PCGH: Talking about multi-platform titles. Current generation game consoles use hardware that is four to five years old - at least the design. The PC's graphics can be better than on the consoles. Is it difficult to motivate game developers to build better graphics for PC games when they are developing a multi-platform title which may end up being graphics bound on the consoles?
Bill Dally: I don't have direct experience with that, our devtech people tend to work with the game developers. They seem to be getting them to use our GPUs to the best of their capabilities. But I don't know quite what challenges they face in doing that.
PCGH: Another topic: In contrast to your competitor, Nvidia's GPUs, at least the high-end ones, have in the last couple of years always been very large, physically. AMD is going the route of having a medium-sized die and scale it with X2 configurations for high-end needs; Nvidia is producing very large GPUs. Is that a trend which could change in the future or don't you think you have reached the limits of integration in single-chips, the "Big Blocks of Graphics"?
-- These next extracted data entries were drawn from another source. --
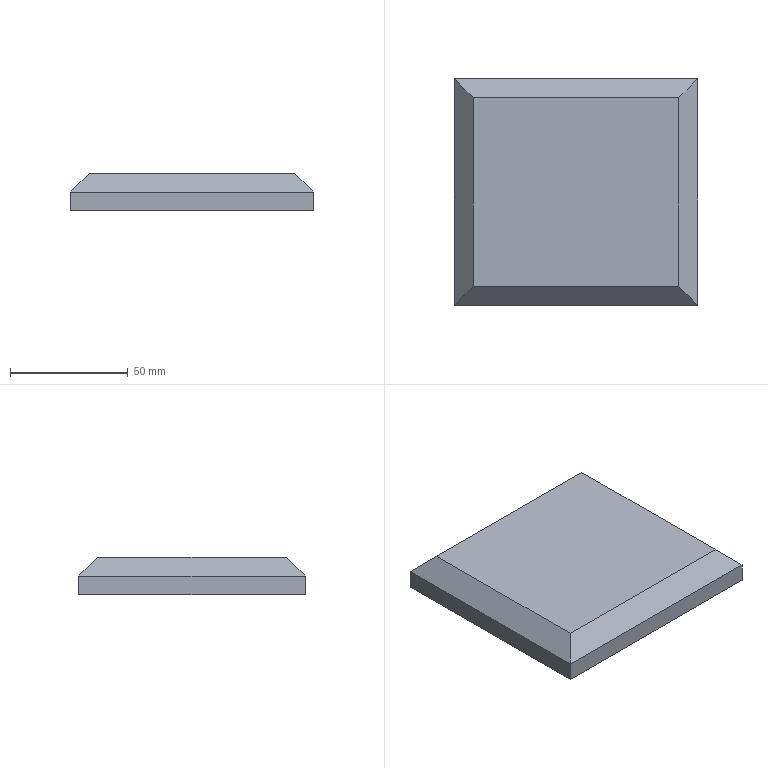Component | NX | BASE | 1 solid | 10 faces | box 103 x 96 x 16 mm | volume 146155 mm3 | plane 10
STEP:
#1=CARTESIAN_POINT('',(0.,0.,0.));
#2=DIRECTION('',(0.,0.,1.));
#3=DIRECTION('',(1.,0.,0.));
#4=AXIS2_PLACEMENT_3D('',#1,#2,#3);
#5=CARTESIAN_POINT('',(51.5,48.,0.));
#6=VERTEX_POINT('',#5);
#7=CARTESIAN_POINT('',(51.5,48.,-8.));
#8=VERTEX_POINT('',#7);
#9=CARTESIAN_POINT('',(51.5,48.,8.));
#10=DIRECTION('',(0.,0.,-1.));
#11=VECTOR('',#10,1.);
#12=LINE('',#9,#11);
#13=CARTESIAN_POINT('',(51.5,-48.,8.));
#14=DIRECTION('',(-1.,0.,0.));
#15=DIRECTION('',(0.,0.,1.));
#16=AXIS2_PLACEMENT_3D('',#13,#14,#15);
#17=PLANE('',#16);
#18=CARTESIAN_POINT('',(0.,96.));
#19=DIRECTION('',(-1.,0.));
#20=VECTOR('',#19,1.);
#21=LINE('',#18,#20);
#22=(GEOMETRIC_REPRESENTATION_CONTEXT(2)PARAMETRIC_REPRESENTATION_CONTEXT()REPRESENTATION_CONTEXT('',''));
#23=DEFINITIONAL_REPRESENTATION('',(#21),#22);
#24=PCURVE('',#17,#23);
#25=CARTESIAN_POINT('',(51.5,48.,8.));
#26=DIRECTION('',(0.,-1.,0.));
#27=DIRECTION('',(0.,0.,-1.));
#28=AXIS2_PLACEMENT_3D('',#25,#26,#27);
#29=PLANE('',#28);
#30=CARTESIAN_POINT('',(0.,0.));
#31=DIRECTION('',(1.,0.));
#32=VECTOR('',#31,1.);
#33=LINE('',#30,#32);
#34=(GEOMETRIC_REPRESENTATION_CONTEXT(2)PARAMETRIC_REPRESENTATION_CONTEXT()REPRESENTATION_CONTEXT('',''));
#35=DEFINITIONAL_REPRESENTATION('',(#33),#34);
#36=PCURVE('',#29,#35);
#37=SURFACE_CURVE('',#12,(#24,#36),.PCURVE_S1.);
#38=EDGE_CURVE('',#6,#8,#37,.T.);
#39=ORIENTED_EDGE('',*,*,#38,.F.);
#40=CARTESIAN_POINT('',(51.5,-48.,0.));
#41=VERTEX_POINT('',#40);
#42=CARTESIAN_POINT('',(51.5,-48.,0.));
#43=DIRECTION('',(0.,-1.,0.));
#44=VECTOR('',#43,1.);
#45=LINE('',#42,#44);
#46=CARTESIAN_POINT('',(-8.,0.));
#47=DIRECTION('',(0.,-1.));
#48=VECTOR('',#47,1.);
#49=LINE('',#46,#48);
#50=(GEOMETRIC_REPRESENTATION_CONTEXT(2)PARAMETRIC_REPRESENTATION_CONTEXT()REPRESENTATION_CONTEXT('',''));
#51=DEFINITIONAL_REPRESENTATION('',(#49),#50);
#52=PCURVE('',#17,#51);
#53=CARTESIAN_POINT('',(43.5,0.,8.));
#54=DIRECTION('',(0.7071,0.,0.7071));
#55=DIRECTION('',(0.,-1.,0.));
#56=AXIS2_PLACEMENT_3D('',#53,#54,#55);
#57=PLANE('',#56);
#58=CARTESIAN_POINT('',(48.,11.314));
#59=DIRECTION('',(1.,0.));
#60=VECTOR('',#59,1.);
#61=LINE('',#58,#60);
#62=(GEOMETRIC_REPRESENTATION_CONTEXT(2)PARAMETRIC_REPRESENTATION_CONTEXT()REPRESENTATION_CONTEXT('',''));
#63=DEFINITIONAL_REPRESENTATION('',(#61),#62);
#64=PCURVE('',#57,#63);
#65=SURFACE_CURVE('',#45,(#52,#64),.PCURVE_S1.);
#66=EDGE_CURVE('',#6,#41,#65,.T.);
#67=ORIENTED_EDGE('',*,*,#66,.T.);
#68=CARTESIAN_POINT('',(51.5,-48.,-8.));
#69=VERTEX_POINT('',#68);
#70=CARTESIAN_POINT('',(51.5,-48.,8.));
#71=DIRECTION('',(0.,0.,-1.));
#72=VECTOR('',#71,1.);
#73=LINE('',#70,#72);
#74=CARTESIAN_POINT('',(0.,0.));
#75=DIRECTION('',(-1.,0.));
#76=VECTOR('',#75,1.);
#77=LINE('',#74,#76);
#78=(GEOMETRIC_REPRESENTATION_CONTEXT(2)PARAMETRIC_REPRESENTATION_CONTEXT()REPRESENTATION_CONTEXT('',''));
#79=DEFINITIONAL_REPRESENTATION('',(#77),#78);
#80=PCURVE('',#17,#79);
#81=CARTESIAN_POINT('',(-51.5,-48.,8.));
#82=DIRECTION('',(0.,1.,0.));
#83=DIRECTION('',(0.,0.,1.));
#84=AXIS2_PLACEMENT_3D('',#81,#82,#83);
#85=PLANE('',#84);
#86=CARTESIAN_POINT('',(0.,103.));
#87=DIRECTION('',(-1.,0.));
#88=VECTOR('',#87,1.);
#89=LINE('',#86,#88);
#90=(GEOMETRIC_REPRESENTATION_CONTEXT(2)PARAMETRIC_REPRESENTATION_CONTEXT()REPRESENTATION_CONTEXT('',''));
#91=DEFINITIONAL_REPRESENTATION('',(#89),#90);
#92=PCURVE('',#85,#91);
#93=SURFACE_CURVE('',#73,(#80,#92),.PCURVE_S1.);
#94=EDGE_CURVE('',#41,#69,#93,.T.);
#95=ORIENTED_EDGE('',*,*,#94,.T.);
#96=CARTESIAN_POINT('',(51.5,-48.,-8.));
#97=DIRECTION('',(0.,1.,0.));
#98=VECTOR('',#97,1.);
#99=LINE('',#96,#98);
#100=CARTESIAN_POINT('',(-16.,0.));
#101=DIRECTION('',(0.,1.));
#102=VECTOR('',#101,1.);
#103=LINE('',#100,#102);
#104=(GEOMETRIC_REPRESENTATION_CONTEXT(2)PARAMETRIC_REPRESENTATION_CONTEXT()REPRESENTATION_CONTEXT('',''));
#105=DEFINITIONAL_REPRESENTATION('',(#103),#104);
#106=PCURVE('',#17,#105);
#107=CARTESIAN_POINT('',(0.,0.,-8.));
#108=DIRECTION('',(0.,0.,1.));
#109=DIRECTION('',(1.,0.,0.));
#110=AXIS2_PLACEMENT_3D('',#107,#108,#109);
#111=PLANE('',#110);
#112=CARTESIAN_POINT('',(51.5,-48.));
#113=DIRECTION('',(0.,1.));
#114=VECTOR('',#113,1.);
#115=LINE('',#112,#114);
#116=(GEOMETRIC_REPRESENTATION_CONTEXT(2)PARAMETRIC_REPRESENTATION_CONTEXT()REPRESENTATION_CONTEXT('',''));
#117=DEFINITIONAL_REPRESENTATION('',(#115),#116);
#118=PCURVE('',#111,#117);
#119=SURFACE_CURVE('',#99,(#106,#118),.PCURVE_S1.);
#120=EDGE_CURVE('',#69,#8,#119,.T.);
#121=ORIENTED_EDGE('',*,*,#120,.T.);
#122=EDGE_LOOP('',(#39,#67,#95,#121));
#123=FACE_BOUND('',#122,.T.);
#124=ADVANCED_FACE('',(#123),#17,.F.);
#125=CARTESIAN_POINT('',(-51.5,48.,0.));
#126=VERTEX_POINT('',#125);
#127=CARTESIAN_POINT('',(-51.5,48.,-8.));
#128=VERTEX_POINT('',#127);
#129=CARTESIAN_POINT('',(-51.5,48.,8.));
#130=DIRECTION('',(0.,0.,-1.));
#131=VECTOR('',#130,1.);
#132=LINE('',#129,#131);
#133=CARTESIAN_POINT('',(0.,-103.));
#134=DIRECTION('',(1.,0.));
#135=VECTOR('',#134,1.);
#136=LINE('',#133,#135);
#137=(GEOMETRIC_REPRESENTATION_CONTEXT(2)PARAMETRIC_REPRESENTATION_CONTEXT()REPRESENTATION_CONTEXT('',''));
#138=DEFINITIONAL_REPRESENTATION('',(#136),#137);
#139=PCURVE('',#29,#138);
#140=CARTESIAN_POINT('',(-51.5,48.,8.));
#141=DIRECTION('',(1.,0.,0.));
#142=DIRECTION('',(0.,0.,-1.));
#143=AXIS2_PLACEMENT_3D('',#140,#141,#142);
#144=PLANE('',#143);
#145=CARTESIAN_POINT('',(0.,0.));
#146=DIRECTION('',(1.,0.));
#147=VECTOR('',#146,1.);
#148=LINE('',#145,#147);
#149=(GEOMETRIC_REPRESENTATION_CONTEXT(2)PARAMETRIC_REPRESENTATION_CONTEXT()REPRESENTATION_CONTEXT('',''));
#150=DEFINITIONAL_REPRESENTATION('',(#148),#149);
#151=PCURVE('',#144,#150);
#152=SURFACE_CURVE('',#132,(#139,#151),.PCURVE_S1.);
#153=EDGE_CURVE('',#126,#128,#152,.T.);
#154=ORIENTED_EDGE('',*,*,#153,.F.);
#155=CARTESIAN_POINT('',(51.5,48.,0.));
#156=DIRECTION('',(1.,0.,0.));
#157=VECTOR('',#156,1.);
#158=LINE('',#155,#157);
#159=CARTESIAN_POINT('',(8.,0.));
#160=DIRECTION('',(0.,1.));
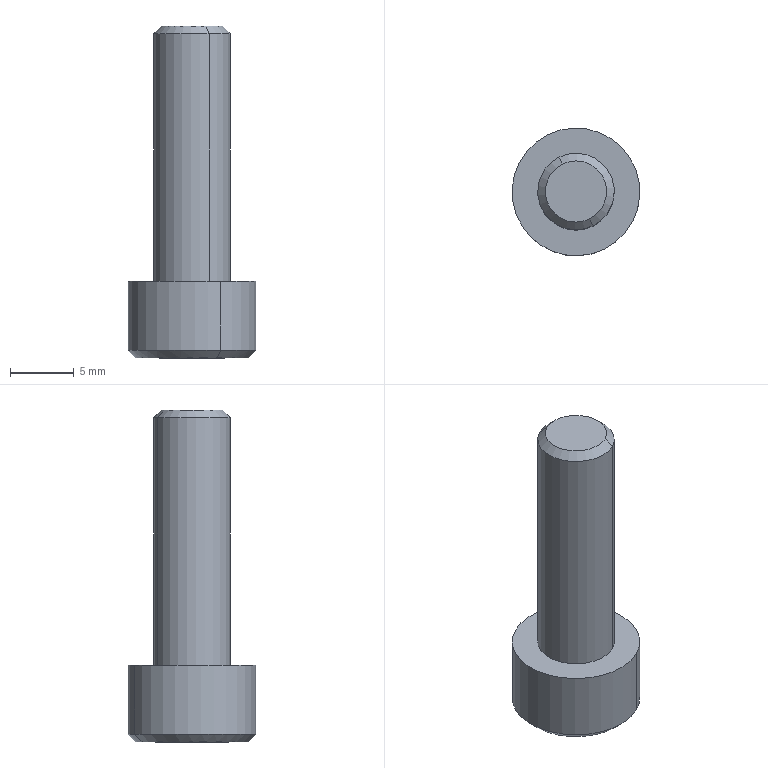Component | SolidWorks | LD101-02-HexagonScrew-M6-2-6 | 1 solid | 25 faces | box 10 x 10 x 26 mm | volume 959 mm3 | plane 15 | cone 6 | cylinder 4 | commonest cylinder face diameters 10 x2 6 x2
STEP:
#1=COLOUR_RGB('',0.7922,0.8196,0.9333);
#2=FILL_AREA_STYLE_COLOUR('',#1);
#3=FILL_AREA_STYLE('',(#2));
#4=SURFACE_STYLE_FILL_AREA(#3);
#5=SURFACE_SIDE_STYLE('',(#4));
#6=SURFACE_STYLE_USAGE(.BOTH.,#5);
#7=PRESENTATION_STYLE_ASSIGNMENT((#6));
#8=CARTESIAN_POINT('',(3.096,-6.841,0.2857));
#9=VERTEX_POINT('',#8);
#10=CARTESIAN_POINT('',(3.18,-7.01,0.2857));
#11=VERTEX_POINT('',#10);
#12=CARTESIAN_POINT('',(3.138,-6.925,0.2857));
#13=DIRECTION('',(0.,0.,1.));
#14=DIRECTION('',(-0.4466,0.8947,0.));
#15=AXIS2_PLACEMENT_3D('',#12,#13,#14);
#16=CIRCLE('',#15,0.09449);
#17=EDGE_CURVE('',#9,#11,#16,.T.);
#18=ORIENTED_EDGE('',*,*,#17,.F.);
#19=CARTESIAN_POINT('',(3.085,-6.819,0.2621));
#20=VERTEX_POINT('',#19);
#21=CARTESIAN_POINT('',(3.096,-6.841,0.2857));
#22=DIRECTION('',(-0.3158,0.6327,-0.7071));
#23=VECTOR('',#22,39.37);
#24=LINE('',#21,#23);
#25=EDGE_CURVE('',#9,#20,#24,.T.);
#26=ORIENTED_EDGE('',*,*,#25,.T.);
#27=CARTESIAN_POINT('',(3.191,-7.031,0.2621));
#28=VERTEX_POINT('',#27);
#29=CARTESIAN_POINT('',(3.138,-6.925,0.2621));
#30=DIRECTION('',(0.,0.,-1.));
#31=DIRECTION('',(-0.4466,0.8947,0.));
#32=AXIS2_PLACEMENT_3D('',#29,#30,#31);
#33=CIRCLE('',#32,0.1181);
#34=EDGE_CURVE('',#28,#20,#33,.T.);
#35=ORIENTED_EDGE('',*,*,#34,.F.);
#36=CARTESIAN_POINT('',(3.18,-7.01,0.2857));
#37=DIRECTION('',(0.3158,-0.6327,-0.7071));
#38=VECTOR('',#37,39.37);
#39=LINE('',#36,#38);
#40=EDGE_CURVE('',#11,#28,#39,.T.);
#41=ORIENTED_EDGE('',*,*,#40,.F.);
#42=EDGE_LOOP('',(#18,#26,#35,#41));
#43=FACE_OUTER_BOUND('',#42,.T.);
#44=CARTESIAN_POINT('',(3.138,-6.925,0.2857));
#45=DIRECTION('',(0.,0.,-1.));
#46=DIRECTION('',(0.4466,-0.8947,0.));
#47=AXIS2_PLACEMENT_3D('',#44,#45,#46);
#48=CONICAL_SURFACE('',#47,0.09449,0.7854);
#49=ADVANCED_FACE('',(#43),#48,.T.);
#50=CARTESIAN_POINT('',(3.05,-6.749,-0.7143));
#51=VERTEX_POINT('',#50);
#52=CARTESIAN_POINT('',(3.226,-7.101,-0.7143));
#53=VERTEX_POINT('',#52);
#54=CARTESIAN_POINT('',(3.138,-6.925,-0.7143));
#55=DIRECTION('',(0.,0.,1.));
#56=DIRECTION('',(-0.4466,0.8947,0.));
#57=AXIS2_PLACEMENT_3D('',#54,#55,#56);
#58=CIRCLE('',#57,0.1969);
#59=EDGE_CURVE('',#51,#53,#58,.T.);
#60=ORIENTED_EDGE('',*,*,#59,.T.);
#61=CARTESIAN_POINT('',(3.226,-7.101,-0.5017));
#62=VERTEX_POINT('',#61);
#63=CARTESIAN_POINT('',(3.226,-7.101,-0.608));
#64=DIRECTION('',(0.,0.,1.));
#65=VECTOR('',#64,39.37);
#66=LINE('',#63,#65);
#67=EDGE_CURVE('',#53,#62,#66,.T.);
#68=ORIENTED_EDGE('',*,*,#67,.T.);
#69=CARTESIAN_POINT('',(3.05,-6.749,-0.5017));
#70=VERTEX_POINT('',#69);
#71=CARTESIAN_POINT('',(3.138,-6.925,-0.5017));
#72=DIRECTION('',(0.,0.,-1.));
#73=DIRECTION('',(-0.4466,0.8947,0.));
#74=AXIS2_PLACEMENT_3D('',#71,#72,#73);
#75=CIRCLE('',#74,0.1969);
#76=EDGE_CURVE('',#62,#70,#75,.T.);
#77=ORIENTED_EDGE('',*,*,#76,.T.);
#78=CARTESIAN_POINT('',(3.05,-6.749,-0.608));
#79=DIRECTION('',(0.,0.,1.));
#80=VECTOR('',#79,39.37);
#81=LINE('',#78,#80);
#82=EDGE_CURVE('',#51,#70,#81,.T.);
#83=ORIENTED_EDGE('',*,*,#82,.F.);
#84=EDGE_LOOP('',(#60,#68,#77,#83));
#85=FACE_OUTER_BOUND('',#84,.T.);
#86=CARTESIAN_POINT('',(3.138,-6.925,-0.608));
#87=DIRECTION('',(0.,0.,1.));
#88=DIRECTION('',(-0.4466,0.8947,0.));
#89=AXIS2_PLACEMENT_3D('',#86,#87,#88);
#90=CYLINDRICAL_SURFACE('',#89,0.1969);
#91=ADVANCED_FACE('',(#85),#90,.T.);
#92=CARTESIAN_POINT('',(3.061,-6.77,-0.7379));
#93=VERTEX_POINT('',#92);
#94=CARTESIAN_POINT('',(3.216,-7.08,-0.7379));
#95=VERTEX_POINT('',#94);
#96=CARTESIAN_POINT('',(3.138,-6.925,-0.7379));
#97=DIRECTION('',(0.,0.,1.));
#98=DIRECTION('',(-0.4466,0.8947,0.));
#99=AXIS2_PLACEMENT_3D('',#96,#97,#98);
#100=CIRCLE('',#99,0.1732);
#101=EDGE_CURVE('',#93,#95,#100,.T.);
#102=ORIENTED_EDGE('',*,*,#101,.T.);
#103=CARTESIAN_POINT('',(3.226,-7.101,-0.7143));
#104=DIRECTION('',(0.3158,-0.6327,0.7071));
#105=VECTOR('',#104,39.37);
#106=LINE('',#103,#105);
#107=EDGE_CURVE('',#95,#53,#106,.T.);
#108=ORIENTED_EDGE('',*,*,#107,.T.);
#109=ORIENTED_EDGE('',*,*,#59,.F.);
#110=CARTESIAN_POINT('',(3.05,-6.749,-0.7143));
#111=DIRECTION('',(-0.3158,0.6327,0.7071));
#112=VECTOR('',#111,39.37);
#113=LINE('',#110,#112);
#114=EDGE_CURVE('',#93,#51,#113,.T.);
#115=ORIENTED_EDGE('',*,*,#114,.F.);
#116=EDGE_LOOP('',(#102,#108,#109,#115));
#117=FACE_OUTER_BOUND('',#116,.T.);
#118=CARTESIAN_POINT('',(3.138,-6.925,-0.7143));
#119=DIRECTION('',(0.,0.,1.));
#120=DIRECTION('',(-0.4466,0.8947,0.));
#121=AXIS2_PLACEMENT_3D('',#118,#119,#120);
#122=CONICAL_SURFACE('',#121,0.1969,0.7854);
#123=ADVANCED_FACE('',(#117),#122,.T.);
#124=CARTESIAN_POINT('',(3.191,-7.031,-0.5017));
#125=VERTEX_POINT('',#124);
#126=CARTESIAN_POINT('',(3.085,-6.819,-0.5017));
#127=VERTEX_POINT('',#126);
#128=CARTESIAN_POINT('',(3.138,-6.925,-0.5017));
#129=DIRECTION('',(0.,0.,-1.));
#130=DIRECTION('',(-0.4466,0.8947,0.));
#131=AXIS2_PLACEMENT_3D('',#128,#129,#130);
#132=CIRCLE('',#131,0.1181);
#133=EDGE_CURVE('',#125,#127,#132,.T.);
#134=ORIENTED_EDGE('',*,*,#133,.F.);
#135=CARTESIAN_POINT('',(3.191,-7.031,-0.3563));
#136=DIRECTION('',(0.,0.,1.));
#137=VECTOR('',#136,39.37);
#138=LINE('',#135,#137);
#139=EDGE_CURVE('',#125,#28,#138,.T.);
#140=ORIENTED_EDGE('',*,*,#139,.T.);
#141=ORIENTED_EDGE('',*,*,#34,.T.);
#142=CARTESIAN_POINT('',(3.085,-6.819,-0.3563));
#143=DIRECTION('',(0.,0.,1.));
#144=VECTOR('',#143,39.37);
#145=LINE('',#142,#144);
#146=EDGE_CURVE('',#127,#20,#145,.T.);
#147=ORIENTED_EDGE('',*,*,#146,.F.);
#148=EDGE_LOOP('',(#134,#140,#141,#147));
#149=FACE_OUTER_BOUND('',#148,.T.);
#150=CARTESIAN_POINT('',(3.138,-6.925,-0.3563));
#151=DIRECTION('',(0.,0.,1.));
#152=DIRECTION('',(-0.4466,0.8947,0.));
#153=AXIS2_PLACEMENT_3D('',#150,#151,#152);
#154=CYLINDRICAL_SURFACE('',#153,0.1181);
#155=ADVANCED_FACE('',(#149),#154,.T.);
#156=CARTESIAN_POINT('',(3.138,-6.925,-0.5934));
#157=VERTEX_POINT('',#156);
#158=CARTESIAN_POINT('',(3.182,-7.013,-0.6198));
#159=VERTEX_POINT('',#158);
#160=CARTESIAN_POINT('',(3.182,-7.013,-0.6198));
#161=DIRECTION('',(0.4314,-0.8642,-0.2588));
#162=VECTOR('',#161,39.37);
#163=LINE('',#160,#162);
#164=EDGE_CURVE('',#157,#159,#163,.T.);
#165=ORIENTED_EDGE('',*,*,#164,.F.);
#166=CARTESIAN_POINT('',(3.094,-6.837,-0.6198));
#167=VERTEX_POINT('',#166);
#168=CARTESIAN_POINT('',(3.094,-6.837,-0.6198));
#169=DIRECTION('',(-0.4314,0.8642,-0.2588));
#170=VECTOR('',#169,39.37);
#171=LINE('',#168,#170);
#172=EDGE_CURVE('',#157,#167,#171,.T.);
#173=ORIENTED_EDGE('',*,*,#172,.T.);
#174=CARTESIAN_POINT('',(3.192,-6.843,-0.6198));
#175=VERTEX_POINT('',#174);
#176=CARTESIAN_POINT('',(3.138,-6.925,-0.6198));
#177=DIRECTION('',(0.,-0.,1.));
#178=DIRECTION('',(0.4466,-0.8947,0.));
#179=AXIS2_PLACEMENT_3D('',#176,#177,#178);
#180=CIRCLE('',#179,0.09843);
#181=EDGE_CURVE('',#175,#167,#180,.T.);
#182=ORIENTED_EDGE('',*,*,#181,.F.);
#183=CARTESIAN_POINT('',(3.236,-6.931,-0.6198));
#184=VERTEX_POINT('',#183);
#185=CARTESIAN_POINT('',(3.138,-6.925,-0.6198));
#186=DIRECTION('',(0.,-0.,1.));
#187=DIRECTION('',(0.4466,-0.8947,0.));
#188=AXIS2_PLACEMENT_3D('',#185,#186,#187);
#189=CIRCLE('',#188,0.09843);
#190=EDGE_CURVE('',#184,#175,#189,.T.);
#191=ORIENTED_EDGE('',*,*,#190,.F.);
#192=CARTESIAN_POINT('',(3.138,-6.925,-0.6198));
#193=DIRECTION('',(-0.,0.,-1.));
#194=DIRECTION('',(0.4466,-0.8947,0.));
#195=AXIS2_PLACEMENT_3D('',#192,#193,#194);
#196=CIRCLE('',#195,0.09843);
#197=EDGE_CURVE('',#184,#159,#196,.T.);
#198=ORIENTED_EDGE('',*,*,#197,.T.);
#199=EDGE_LOOP('',(#165,#173,#182,#191,#198));
#200=FACE_OUTER_BOUND('',#199,.T.);
#201=CARTESIAN_POINT('',(3.138,-6.925,-0.6198));
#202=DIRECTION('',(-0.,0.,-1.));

Bill Dally: We're trying to always deliver the best performance and value to our customers and we're gonna continue doing that. And for any given generation there's an economic decision that has to be made about how large to make the die. Our architecture is very scalable, so the larger we make the die, the more performance we deliver. We also deliver duplex-configurations as in GTX 295 and so, if build a very large die and then also put two of them we can deliver even more performance. And so for each generation we're gonna to the calculation side what is the most economic way of delivering the best performance for our customers.
PCGH: Is this decision driven more by financial economics or power economics? Like if we go for this and that power envelope we can squeeze a dual configuration on one PCI Express card.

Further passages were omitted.